What gives us pause in reviewing the District Court’s order is the conclusion that dismissal was appropriate even though “the record does not indicate that reversing the amended plan would result in `great difficulty or inequity.'” SCH, 2013 WL 3380440, at *3. To invoke equity when there is no inequity is counterintuitive. Moreover, it is in tension with the guiding principle that matters should generally be decided on their merits when that is possible.
We also question whether the District Court considered the full range of relief the CFI Claimants sought and the specific effect that relief would have on third parties.
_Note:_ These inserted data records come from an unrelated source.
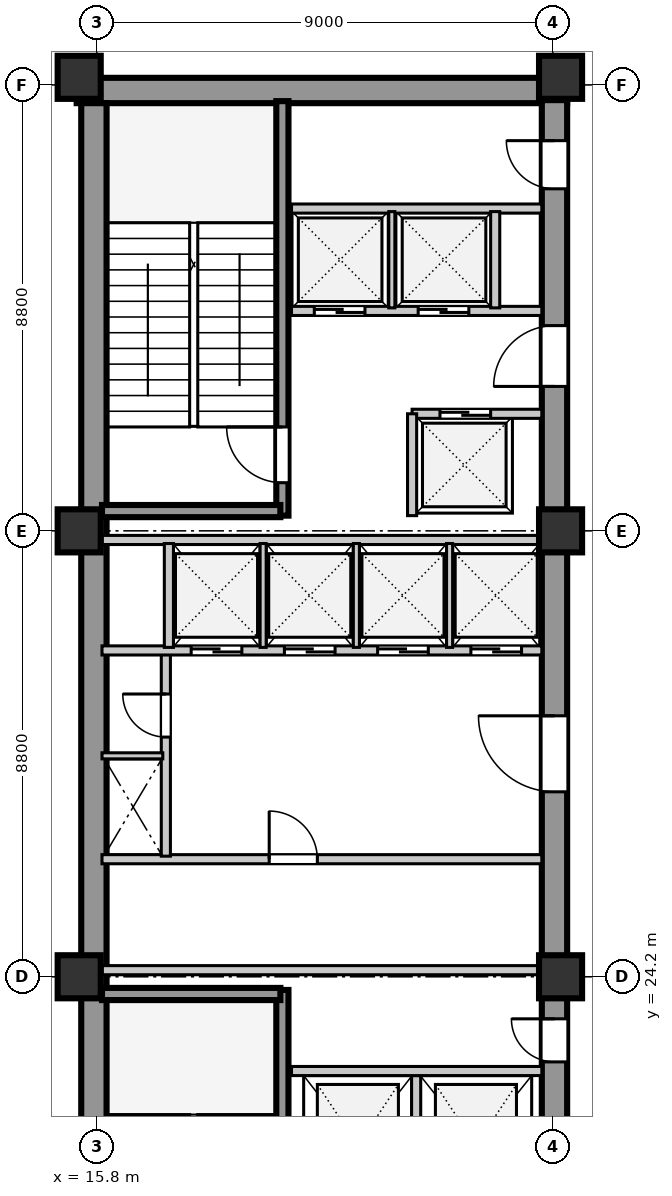
"""IFC4 building model, lengths in metres.
Left out: names, types, materials, properties, quantities, classifications, styles, units other than length and angle.
Written with IfcOpenShell. Run it as: python <this file> out.ifc"""

import sys

from ifc_helpers import new_model, si_unit, direction, frame, frame_2d, origin, origin_2d, place, context, subcontext, project, spatial, rectangle, extrude, element, fill, save


model = new_model("IFC4")
c1 = context("Model", 3, precision=1e-05, world=origin(), true_north=direction((0.0, 1.0)))
c2 = subcontext(c1, "Body", "Model", "MODEL_VIEW")
j1 = project(units=[si_unit("LENGTHUNIT", "METRE"), si_unit("PLANEANGLEUNIT", "RADIAN")], contexts=[c1])
p1 = place(None, origin())
s1 = spatial("IfcSite", under=j1, at=p1, CompositionType="ELEMENT")
p2 = place(p1, origin())
s2 = spatial("IfcBuilding", under=s1, at=p2, CompositionType="ELEMENT")
p3 = place(p2, frame((0.0, 0.0, 208.9)))
s3 = spatial("IfcBuildingStorey", under=s2, at=p3, CompositionType="ELEMENT", Elevation=208.9)
p4 = place(p3, frame((15.4, 41.69, 0.0), z_axis=(0.0, 0.0, 1.0), x_axis=(1.0, 0.0, 0.0)))
e1 = element("IfcWall", 1, at=p4, inside=s3, PredefinedType="SHEAR", context=c2, shape_type="SweptSolid", body=[
    extrude(rectangle(XDim=9.68, YDim=0.5, at=frame_2d((4.84, 0.0))), origin(), (0.0, 0.0, 1.0), 4.96),
])
p5 = place(p3, frame((15.74, 15.81, 0.0), z_axis=(0.0, 0.0, 1.0), x_axis=(0.0, 1.0, 0.0)))
e2 = element("IfcWall", 2, at=p5, inside=s3, PredefinedType="SHEAR", context=c2, shape_type="SweptSolid", body=[
    extrude(rectangle(XDim=25.63, YDim=0.5, at=frame_2d((12.815, 0.0))), origin(), (0.0, 0.0, 1.0), 4.96),
])
p6 = place(p3, frame((24.83, 15.74, 0.0), z_axis=(0.0, 0.0, 1.0), x_axis=(0.0, 1.0, 0.0)))
e3 = element("IfcWall", 3, at=p6, inside=s3, PredefinedType="SHEAR", context=c2, shape_type="SweptSolid", body=[
    extrude(rectangle(XDim=25.76, YDim=0.5, at=frame_2d((12.88, 0.0))), origin(), (0.0, 0.0, 1.0), 4.96),
])
p7 = place(p6, frame((1.61, 0.0, 0.0)))
e4 = element("IfcOpeningElement", 4, at=p7, cuts=e3, PredefinedType="OPENING", context=c2, shape_type="SweptSolid", body=[
    extrude(rectangle(XDim=1.2, YDim=2.1, at=frame_2d((0.6, 1.05))), frame((0.0, 0.26, 0.0), z_axis=(0.0, -1.0, 0.0), x_axis=(1.0, 0.0, 0.0)), (0.0, 0.0, 1.0), 0.52),
])
p8 = place(p6, frame((6.78, 0.0, 0.0)))
e5 = element("IfcOpeningElement", 5, at=p8, cuts=e3, PredefinedType="OPENING", context=c2, shape_type="SweptSolid", body=[
    extrude(rectangle(XDim=0.85, YDim=2.06, at=frame_2d((0.425, 1.03))), frame((0.0, 0.26, 0.0), z_axis=(0.0, -1.0, 0.0), x_axis=(1.0, 0.0, 0.0)), (0.0, 0.0, 1.0), 0.52),
])
p9 = place(p6, frame((12.11, 0.0, 0.0)))
e6 = element("IfcOpeningElement", 6, at=p9, cuts=e3, PredefinedType="OPENING", context=c2, shape_type="SweptSolid", body=[
    extrude(rectangle(XDim=1.5, YDim=2.12, at=frame_2d((0.75, 1.06))), frame((0.0, 0.26, 0.0), z_axis=(0.0, -1.0, 0.0), x_axis=(1.0, 0.0, 0.0)), (0.0, 0.0, 1.0), 0.52),
])
p10 = place(p6, frame((20.11, 0.0, 0.0)))
e7 = element("IfcOpeningElement", 7, at=p10, cuts=e3, PredefinedType="OPENING", context=c2, shape_type="SweptSolid", body=[
    extrude(rectangle(XDim=1.2, YDim=2.12, at=frame_2d((0.6, 1.06))), frame((0.0, 0.26, 0.0), z_axis=(0.0, -1.0, 0.0), x_axis=(1.0, 0.0, 0.0)), (0.0, 0.0, 1.0), 0.52),
])
p11 = place(p6, frame((24.01, 0.0, 0.0)))
e8 = element("IfcOpeningElement", 8, at=p11, cuts=e3, PredefinedType="OPENING", context=c2, shape_type="SweptSolid", body=[
    extrude(rectangle(XDim=0.95, YDim=2.1, at=frame_2d((0.475, 1.05))), frame((0.0, 0.26, 0.0), z_axis=(0.0, -1.0, 0.0), x_axis=(1.0, 0.0, 0.0)), (0.0, 0.0, 1.0), 0.52),
])
for number, where, z_axis, x_axis in (
    (9, (15.45, 24.2, 0.0), (0.0, 0.0, 1.0), (1.0, 0.0, 0.0)),
    (10, (15.45, 33.0, 0.0), (0.0, 0.0, 1.0), (1.0, 0.0, 0.0)),
    (11, (15.45, 41.95, 0.0), (0.0, 0.0, 1.0), (1.0, 0.0, 0.0)),
    (12, (24.95, 24.2, 0.0), (0.0, 0.0, 1.0), (1.0, 0.0, 0.0)),
    (13, (24.95, 33.0, 0.0), (0.0, 0.0, 1.0), (1.0, 0.0, 0.0)),
    (14, (24.95, 41.95, 0.0), (0.0, 0.0, 1.0), (1.0, 0.0, 0.0)),
):
    element("IfcColumn", number, at=place(p3, frame(where, z_axis=z_axis, x_axis=x_axis)), inside=s3, PredefinedType="COLUMN", context=c2, shape_type="SweptSolid", body=[
        extrude(rectangle(XDim=0.85, YDim=0.85, at=origin_2d()), origin(), (0.0, 0.0, 1.0), 4.96),
    ])
p12 = place(p3, frame((19.46, 15.74, 0.0), z_axis=(0.0, 0.0, 1.0), x_axis=(0.0, 1.0, 0.0)))
e15 = element("IfcWall", 15, at=p12, inside=s3, PredefinedType="SHEAR", context=c2, shape_type="SweptSolid", body=[
    extrude(rectangle(XDim=8.2, YDim=0.24, at=frame_2d((4.1, 0.0))), origin(), (0.0, 0.0, 1.0), 5.2),
])
p13 = place(p12, frame((0.45, 0.0, 0.0)))
e16 = element("IfcOpeningElement", 16, at=p13, cuts=e15, PredefinedType="OPENING", context=c2, shape_type="SweptSolid", body=[
    extrude(rectangle(XDim=1.1, YDim=2.1, at=frame_2d((0.55, 1.05))), frame((0.0, 0.13, 0.0), z_axis=(0.0, -1.0, 0.0), x_axis=(1.0, 0.0, 0.0)), (0.0, 0.0, 1.0), 0.26),
])
p14 = place(p3, frame((15.9, 23.86, 0.0), z_axis=(0.0, 0.0, 1.0), x_axis=(1.0, 0.0, 0.0)))
e17 = element("IfcWall", 17, at=p14, inside=s3, PredefinedType="SHEAR", context=c2, shape_type="SweptSolid", body=[
    extrude(rectangle(XDim=3.52, YDim=0.24, at=frame_2d((1.76, 0.0))), origin(), (0.0, 0.0, 1.0), 5.2),
])
p15 = place(p3, frame((22.1, 19.51, 0.0), z_axis=(0.0, 0.0, 1.0), x_axis=(0.0, 1.0, 0.0)))
e18 = element("IfcWall", 18, at=p15, inside=s3, PredefinedType="SOLIDWALL", context=c2, shape_type="SweptSolid", body=[
    extrude(rectangle(XDim=2.74, YDim=0.18, at=frame_2d((1.37, 0.0))), origin(), (0.0, 0.0, 1.0), 4.96),
])
p16 = place(p3, frame((19.64, 22.34, 0.0), z_axis=(0.0, 0.0, 1.0), x_axis=(1.0, 0.0, 0.0)))
e19 = element("IfcWall", 19, at=p16, inside=s3, PredefinedType="SOLIDWALL", context=c2, shape_type="SweptSolid", body=[
    extrude(rectangle(XDim=4.94, YDim=0.18, at=frame_2d((2.47, 0.0))), origin(), (0.0, 0.0, 1.0), 4.96),
])
p17 = place(p3, frame((15.9, 26.52, 0.0), z_axis=(0.0, 0.0, 1.0), x_axis=(1.0, 0.0, 0.0)))
e20 = element("IfcWall", 20, at=p17, inside=s3, PredefinedType="SOLIDWALL", context=c2, shape_type="SweptSolid", body=[
    extrude(rectangle(XDim=8.68, YDim=0.18, at=frame_2d((4.34, 0.0))), origin(), (0.0, 0.0, 1.0), 4.96),
])
p18 = place(p17, frame((3.3, 0.0, 0.0)))
e21 = element("IfcOpeningElement", 21, at=p18, cuts=e20, PredefinedType="OPENING", context=c2, shape_type="SweptSolid", body=[
    extrude(rectangle(XDim=0.95, YDim=2.1, at=frame_2d((0.475, 1.05))), frame((0.0, 0.1, 0.0), z_axis=(0.0, -1.0, 0.0), x_axis=(1.0, 0.0, 0.0)), (0.0, 0.0, 1.0), 0.2),
])
p19 = place(p3, frame((15.9, 24.33, 0.0), z_axis=(0.0, 0.0, 1.0), x_axis=(1.0, 0.0, 0.0)))
e22 = element("IfcWall", 22, at=p19, inside=s3, PredefinedType="SOLIDWALL", context=c2, shape_type="SweptSolid", body=[
    extrude(rectangle(XDim=8.68, YDim=0.18, at=frame_2d((4.34, 0.0))), origin(), (0.0, 0.0, 1.0), 4.31),
])
p20 = place(p3, frame((17.16, 26.58, 0.0), z_axis=(0.0, 0.0, 1.0), x_axis=(0.0, 1.0, 0.0)))
e23 = element("IfcWall", 23, at=p20, inside=s3, PredefinedType="SOLIDWALL", context=c2, shape_type="SweptSolid", body=[
    extrude(rectangle(XDim=4.02, YDim=0.18, at=frame_2d((2.01, 0.0))), origin(), (0.0, 0.0, 1.0), 4.96),
])
p21 = place(p20, frame((2.35, 0.0, 0.0)))
e24 = element("IfcOpeningElement", 24, at=p21, cuts=e23, PredefinedType="OPENING", context=c2, shape_type="SweptSolid", body=[
    extrude(rectangle(XDim=0.85, YDim=2.06, at=frame_2d((0.425, 1.03))), frame((0.0, 0.1, 0.0), z_axis=(0.0, -1.0, 0.0), x_axis=(1.0, 0.0, 0.0)), (0.0, 0.0, 1.0), 0.2),
])
p22 = place(p3, frame((15.9, 28.56, 0.0), z_axis=(0.0, 0.0, 1.0), x_axis=(1.0, 0.0, 0.0)))
e25 = element("IfcWall", 25, at=p22, inside=s3, PredefinedType="PARTITIONING", context=c2, shape_type="SweptSolid", body=[
    extrude(rectangle(XDim=1.2, YDim=0.12, at=frame_2d((0.6, 0.0))), origin(), (0.0, 0.0, 1.0), 4.96),
])
p23 = place(p3, frame((15.9, 30.64, 0.0), z_axis=(0.0, 0.0, 1.0), x_axis=(1.0, 0.0, 0.0)))
e26 = element("IfcWall", 26, at=p23, inside=s3, PredefinedType="SOLIDWALL", context=c2, shape_type="SweptSolid", body=[
    extrude(rectangle(XDim=8.68, YDim=0.18, at=frame_2d((4.34, 0.0))), origin(), (0.0, 0.0, 1.0), 4.96),
])
p24 = place(p23, frame((1.76, 0.0, 0.0)))
e27 = element("IfcOpeningElement", 27, at=p24, cuts=e26, PredefinedType="OPENING", context=c2, shape_type="SweptSolid", body=[
    extrude(rectangle(XDim=1.0, YDim=2.1, at=frame_2d((0.5, 1.05))), frame((0.0, 0.1, 0.0), z_axis=(0.0, -1.0, 0.0), x_axis=(1.0, 0.0, 0.0)), (0.0, 0.0, 1.0), 0.2),
])
p25 = place(p23, frame((3.6, 0.0, 0.0)))
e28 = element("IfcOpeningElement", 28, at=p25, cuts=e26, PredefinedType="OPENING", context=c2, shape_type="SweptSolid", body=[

While the Court noted the potential effect of the appeal on the Pennsylvania Claimants and the professionals paid under the amended plan, it seems only to have considered the possibility of rescinding the confirmation plan in its entirety. As noted above, the CFI Claimants sought not only dismissal of the bankruptcy cases but, in the alternative, other relief that included enforcement of the terms of the plan, removal of Singley as responsible officer, and sanctions against NCG. (As NCG was not a party to the appeal, it may not be within the power of the District Court to award a sanction against it.) Should the District Court wish to revive a dismissal for reasons of equity, it should consider all forms of relief sought, as “the feared consequences of a successful appeal are often more appropriately dealt with by fashioning limited relief at the remedial stage than by refusing to hear the merits of an appeal at its outset.” Semcrude, 728 F.3d at 324 (citing Continental, 91 F.3d at 571-72 (Alito, J., dissenting) ). Moreover, a merits decision may be necessary because “[d]ismissing an appeal as equitably moot should be rare, occurring only where there is sufficient justification to override the statutory appellate rights of the party seeking review.” Id. at 326-27.
We thus vacate the District Court’s order and remand for it to reconsider the appeal of the CFI Class Action Claimants.